Intervista a Pia Lanciotti: “In ‘Mare Fuori 5’ troviamo una Wanda smarrita. Il teatro deve andare alla ricerca dell’autenticità” L’attrice, in queste settimane nella quinta stagione di “Mare Fuori” e attualmente impegnata a teatro, si racconta su “La voce dello schermo”.

Mar 31, 2025

Il successo di “Mare Fuori” continua a essere inarrestabile. La serie, diretta da quest’anno da Ludovico Di Martino e prodotta da RaiFiction e Picomedia di Roberto Sessa, si dimostra ancora in grado di tenere alta l’attenzione del pubblico e di registrare record su record sia su RaiPlay, dove è interamente disponibile, sia in chiaro su RaiDue.
Tra i grandi meriti di “Mare Fuori” c’è quello di averci fatto ammirare l’arte recitativa e l’immenso talento di Pia Lanciotti grazie all’iconico personaggio di Donna Wanda Di Salvo. L’attrice vanta una carriera con i grandi maestri del teatro come Strehler, Ronconi, Nekroŝius e Tolcachir; al cinema ci ha regalato interpretazioni interessanti in prodotti come “Zamora” di Neri Marcorè e ne “La Dea Fortuna” di Ferzan Özpetek; in televisione ha fatto parte di tantissime serie importanti e ha reso la sua Wanda in “Mare Fuori” una villain affascinante e dalle mille sfaccettature e ci ha regalato un vero e proprio esempio di come si interpreta magistralmente un ruolo così controverso.
Su “La voce dello schermo” abbiamo ritrovato Pia Lanciotti, che si è raccontata parlandoci della nuova stagione di “Mare Fuori” e di come il suo personaggio sia cambiato negli anni attraverso i registi che si sono susseguiti. Oltre a parlare della serie di successo di RaiDue, l’attrice ha analizzato la situazione attuale del teatro, che sta risvegliando l’interesse della gente, e ci ha regalato un’interessante riflessione su come questo mondo si debba approcciare alla modernità senza prescindere dall’autenticità.
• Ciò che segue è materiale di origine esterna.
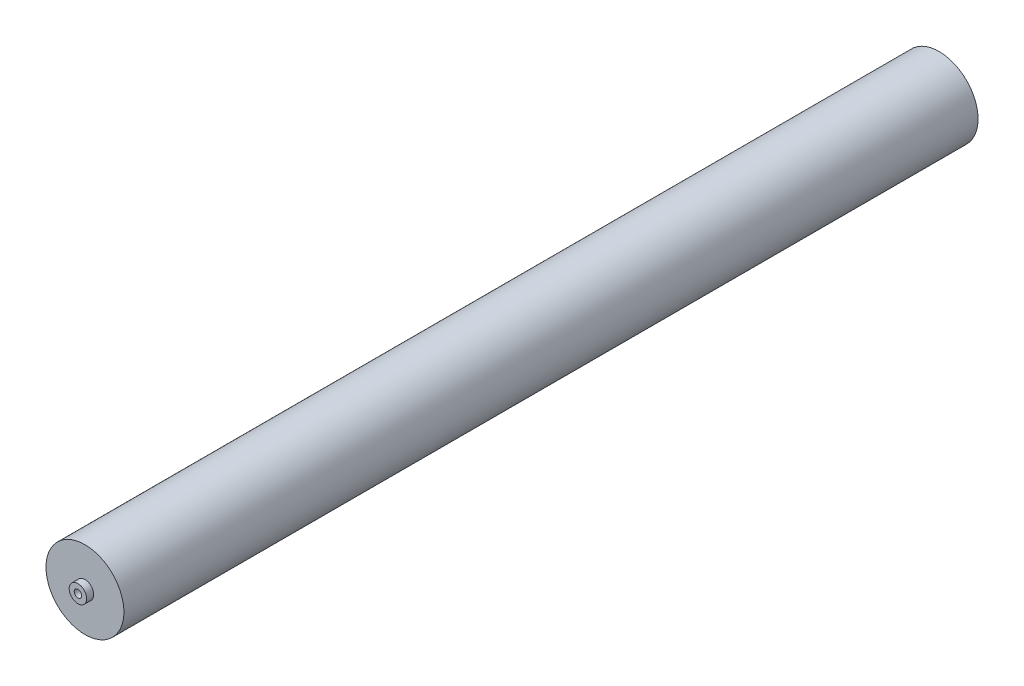
from build123d import *

# Parameters (mm, degrees)
SKETCH_1_R              = 44.5
EXTRUDE_1_DEPTH         = 976
SKETCH_2_R              = 10
EXTRUDE_2_DEPTH         = 8
EXTRUDE_START           = 8
SKETCH_3_R              = 10
EXTRUDE_3_DEPTH         = 8
HOLE_WIZARD_M10_1_D     = 8.5
HOLE_WIZARD_M10_1_DEPTH = 22.5
HOLE_WIZARD_M10_1_TIP   = 2.553657631
HOLE_WIZARD_M10_2_D     = 8.5
HOLE_WIZARD_M10_2_DEPTH = 22.5
HOLE_WIZARD_M10_2_TIP   = 2.553657631
SKETCH_11_R             = 7.5
CUT_EXTRUDE_1_DEPTH     = 488


with BuildPart() as part:
    # 草图1 → 凸台-拉伸1 (new body)
    with BuildSketch(Plane.XY):
        with Locations(Location((0, 0, 0), (0, 0, 180))):
            Circle(SKETCH_1_R)
    extrude(amount=EXTRUDE_1_DEPTH)

    # 草图2 → 凸台-拉伸2 (add)
    with BuildSketch(Plane.XY.offset(976)):
        Circle(SKETCH_2_R)
    extrude(amount=EXTRUDE_2_DEPTH)

    # 草图3 → 凸台-拉伸3 (add)
    with BuildSketch(Plane(origin=(0, 0, 0), x_dir=(-1, 0, 0), z_dir=(0, 0, -1)).offset(EXTRUDE_START)):
        with Locations(Location((0, 0, 0), (0, 0, 180))):
            Circle(SKETCH_3_R)
    extrude(amount=-EXTRUDE_3_DEPTH)

    # M10 螺纹孔1
    with Locations(Plane(origin=(0, 0, -8), x_dir=(-1, 0, 0), z_dir=(0, 0, -1))):
        with Locations((0, 0)):
            Hole(HOLE_WIZARD_M10_1_D / 2, depth=HOLE_WIZARD_M10_1_DEPTH)
            with Locations((0, 0, -(HOLE_WIZARD_M10_1_DEPTH + HOLE_WIZARD_M10_1_TIP / 2))):  # 118° drill point
                Cone(0, HOLE_WIZARD_M10_1_D / 2, HOLE_WIZARD_M10_1_TIP, mode=Mode.SUBTRACT)

    # M10 螺纹孔2
    with Locations(Plane.XY.offset(984)):
        with Locations((0, 0)):
            Hole(HOLE_WIZARD_M10_2_D / 2, depth=HOLE_WIZARD_M10_2_DEPTH)
            with Locations((0, 0, -(HOLE_WIZARD_M10_2_DEPTH + HOLE_WIZARD_M10_2_TIP / 2))):  # 118° drill point
                Cone(0, HOLE_WIZARD_M10_2_D / 2, HOLE_WIZARD_M10_2_TIP, mode=Mode.SUBTRACT)

    # 草图11 → 切除-拉伸1 (cut, symmetric)
    with BuildSketch(Plane.XY.offset(488)):
        Circle(SKETCH_11_R)
    extrude(amount=CUT_EXTRUDE_1_DEPTH, both=True, mode=Mode.SUBTRACT)


solid = part.part

A voi…

Salve Pia, bentornata su “La voce dello schermo”. Ti stiamo vedendo riprendere i panni di Donna Wanda nella quinta stagione di “Mare Fuori”. Com’è stato affrontare questa lotta al potere nei nuovi episodi?

Salve a tutti, bentrovati. La lotta al potere di Donna Wanda si svolge dal carcere ma con dei fantasmi e delle paure. Deve confrontarsi con delle giovani ‘creature’ che crescono e bisogna fare i conti con ciò che ancora non si conosce.

La vediamo più agguerrita che mai, quali aspetti hai amato di questa stagione?

Ho amato qualche suo smarrimento che si vede nella seconda parte della stagione. L’assenza di Carmine dovrebbe sentirsi, ma nella prima parte non si è percepita, tranne in un momento in cui chiede: “Come sta Carmine?”. Tolto il figlio, sembrava non avere un punto debole ma, in realtà, questo la sta scavando da dentro.

Hai vissuto il cambio di registi: da Carmine Elia a Ivan Silvestrini fino ad arrivare al nuovo “Mare Fuori” di Ludovico DI Martino. Che differenze hai notato tra i vari registi?

Carmine è pericoloso, nel senso più bello del termine! (ride ndr.) Ivan è un’anima armonica, quello che lui tenta di fare è creare e portare armonia. Ludovico ha la sfrontatezza e il talento della giovinezza ed è estremamente misterioso.

Secondo te, Donna Wanda è cambiata attraverso i registi?

È cambiata molto nel corso delle varie stagioni, tuttavia tutti loro mi hanno dato una grande libertà nel crearla. Ha cambiato un po’ il look, prima c’era la costumista Giuliana Cau e poi è arrivata Rossella Aprea che le ha dato un’aria più aggressiva e glamour. Ma ritengo ci sia stata un’evoluzione organica durante le stagioni.

Foto di Sabrina Cirillo

L’altro tuo mondo è il teatro. Cosa significa per te salire su un palco?

È la cosa che mi appartiene di più. È un confronto reale con la presenza e devi offrire tutto ciò che hai costruito nel tempo di prova, senza paura possibilmente, ma essa c’è sempre, per cui diventa un gesto profondo di trasformazione. La scrittura che tu affronti a teatro, senza nulla togliere alle sceneggiature, è molto più ampia, profonda e grande.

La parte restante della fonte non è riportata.